Figure 3.

Gaf1-Dependent Gene Expression

(A) Top panels: fluorescence microscopy of cells expressing GFP-tagged Gaf1 (left) with chromatin stained by Hoechst 33342 (middle) after 10 min of exposure to 20 μM Torin1. Bottom panels: fluorescence microscopy of live Gaf1-GFP cells, showing stack projections of 1-min time lapses in rich medium. Cells are shown before (0 min) and in 1-min intervals after addition of either DMSO (solvent control; upper panels) or Torin1 (20 μM final; lower panels). Gaf1-GFP is visible inside the nucleus within 3 min after Torin1 addition. Scale bars: 5 μm. See also Figure S2.

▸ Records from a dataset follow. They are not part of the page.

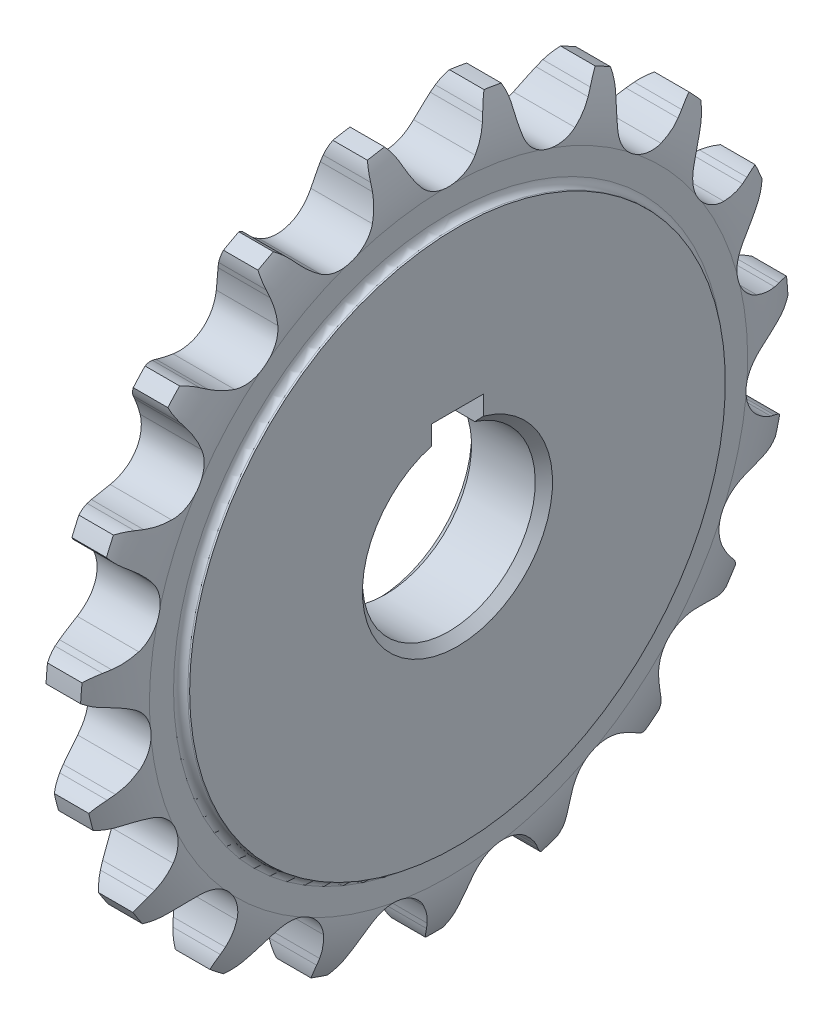
from build123d import *

# Parameters (mm, degrees)
CUT_EXTRUDE_1_DEPTH      = 4.685156443
PATTERN_CIRCULAR_1_COUNT = 19
SKETCH_4_W               = 6
SKETCH_4_H               = 3.260607938
CUT_EXTRUDE_2_DEPTH      = 59.686825317
CHAMFER_1_SIZE           = 1
CHAMFER_2_SIZE           = 1


with BuildPart() as part:
    # 草图1 → 旋转1 (revolve)
    with BuildSketch(Plane.XY, mode=Mode.PRIVATE) as revolve_1_sk:
        with BuildLine():
            Line((-4.685156443, 10), (-4.685156443, 31))
            Line((-4.685156443, 31), (-4.478175154, 31))
            ThreePointArc((-4.478175154, 31), (-3.892743663, 31.242493663), (-3.65025, 31.827925154))
            Line((-3.65025, 31.827925154), (-3.65025, 34.619639763))
            ThreePointArc((-3.65025, 34.619639763), (-3.245836945, 37.918781526), (-1.99925, 41))
            Line((-1.99925, 41), (1.99925, 41))
            ThreePointArc((1.99925, 41), (3.245836945, 37.918781526), (3.65025, 34.619639763))
            Line((3.65025, 34.619639763), (3.65025, 31.827925154))
            ThreePointArc((3.65025, 31.827925154), (3.892743663, 31.242493663), (4.478175154, 31))
            Line((4.478175154, 31), (4.685156443, 31))
            Line((4.685156443, 31), (4.685156443, 10))
            Line((4.685156443, 10), (-4.685156443, 10))
        make_face()
    revolve(revolve_1_sk.sketch.rotate(Axis((-6.35, 0, 0), (1, 0, 0)), 90), axis=Axis((-6.35, 0, 0), (1, 0, 0)))

    # 草图2 → 切除-拉伸1 (cut, symmetric)
    with BuildSketch(Plane(origin=(0, 0, 0), x_dir=(0, 0, -1), z_dir=(1, 0, 0))):
        with BuildLine():
            Line((4.552244709, 38.426451297), (4.858741585, 39.1448403))
            ThreePointArc((4.858741585, 39.1448403), (5.250930322, 39.90290393), (5.750855114, 40.594675334))
            ThreePointArc((5.750855114, 40.594675334), (0, 41), (-5.750855114, 40.594675334))
            ThreePointArc((-5.750855114, 40.594675334), (-5.250930322, 39.90290393), (-4.858741585, 39.1448403))
            Line((-4.858741585, 39.1448403), (-4.552244709, 38.426451297))
            ThreePointArc((-4.552244709, 38.426451297), (-3.937302758, 37.212676935), (-3.168676608, 36.089905522))
            ThreePointArc((-3.168676608, 36.089905522), (0, 34.549839763), (3.168676608, 36.089905522))
            ThreePointArc((3.168676608, 36.089905522), (3.937302758, 37.212676935), (4.552244709, 38.426451297))
        make_face()
    cut_extrude_1 = extrude(amount=CUT_EXTRUDE_1_DEPTH, both=True, mode=Mode.SUBTRACT)

    # 阵列(圆周)1: 切除-拉伸1 ×19 about axis
    pattern_circular_1_axis = Axis((0, 0, 0), (1, 0, 0))
    for i in range(1, PATTERN_CIRCULAR_1_COUNT):
        add(cut_extrude_1.rotate(pattern_circular_1_axis, i * 360 / PATTERN_CIRCULAR_1_COUNT), mode=Mode.SUBTRACT)

    # 草图4 → 切除-拉伸2 (cut, through all)
    with BuildSketch(Plane.ZY.offset(4.685156443)):
        with Locations((0, 11.169695983)):
            Rectangle(SKETCH_4_W, SKETCH_4_H)
    extrude(amount=-CUT_EXTRUDE_2_DEPTH, mode=Mode.SUBTRACT)

    # 倒角1
    chamfer_1_edges = [part.edges().sort_by_distance(p)[0] for p in [
        (-4.685156443, -10, 0),
    ]]
    chamfer(chamfer_1_edges, length=CHAMFER_1_SIZE)

    # 倒角2
    chamfer_2_edges = [part.edges().sort_by_distance(p)[0] for p in [
        (4.685156443, -10, 0),
    ]]
    chamfer(chamfer_2_edges, length=CHAMFER_2_SIZE)


solid = part.part

(B) Hierarchical clustering of microarray data. Columns represent WT or gaf1 mutants (gaf1Δ) before (untreated) and after 1 h of treatment with 20 μM Torin1 or with 10 mM caffeine and 100 ng/mL of rapamycin (Caff+Rap). Rows represent the 198 genes whose mRNA levels changed ≥1.5-fold in Torin1-treated gaf1Δ cells relative to WT cells, consisting of 90 genes showing higher expression (red bar) and 108 genes showing lower expression (blue bar) in gaf1Δ cells. In untreated cells, only 3 genes showed ≥1.5-fold expression changes in gaf1Δ relative to WT cells. Average RNA expression changes (from 2 independent repeats) in the different genetic and pharmacological conditions relative to WT control cells are color coded as shown. The orange bars indicate 43 genes whose promoters were bound by Gaf1 after 60 min with Torin1. See also Figure S3.

(C) Principal-component (PC) analysis of all genes measured by microarrays. PC1 separates untreated cells from cells treated with Torin1 (T) or caffeine and rapamycin (CT), while PC2 separates WT (blue) from gaf1 mutants (gaf1Δ, red). Percentages of the x and y axes show the contribution of the corresponding PC to the difference in the data.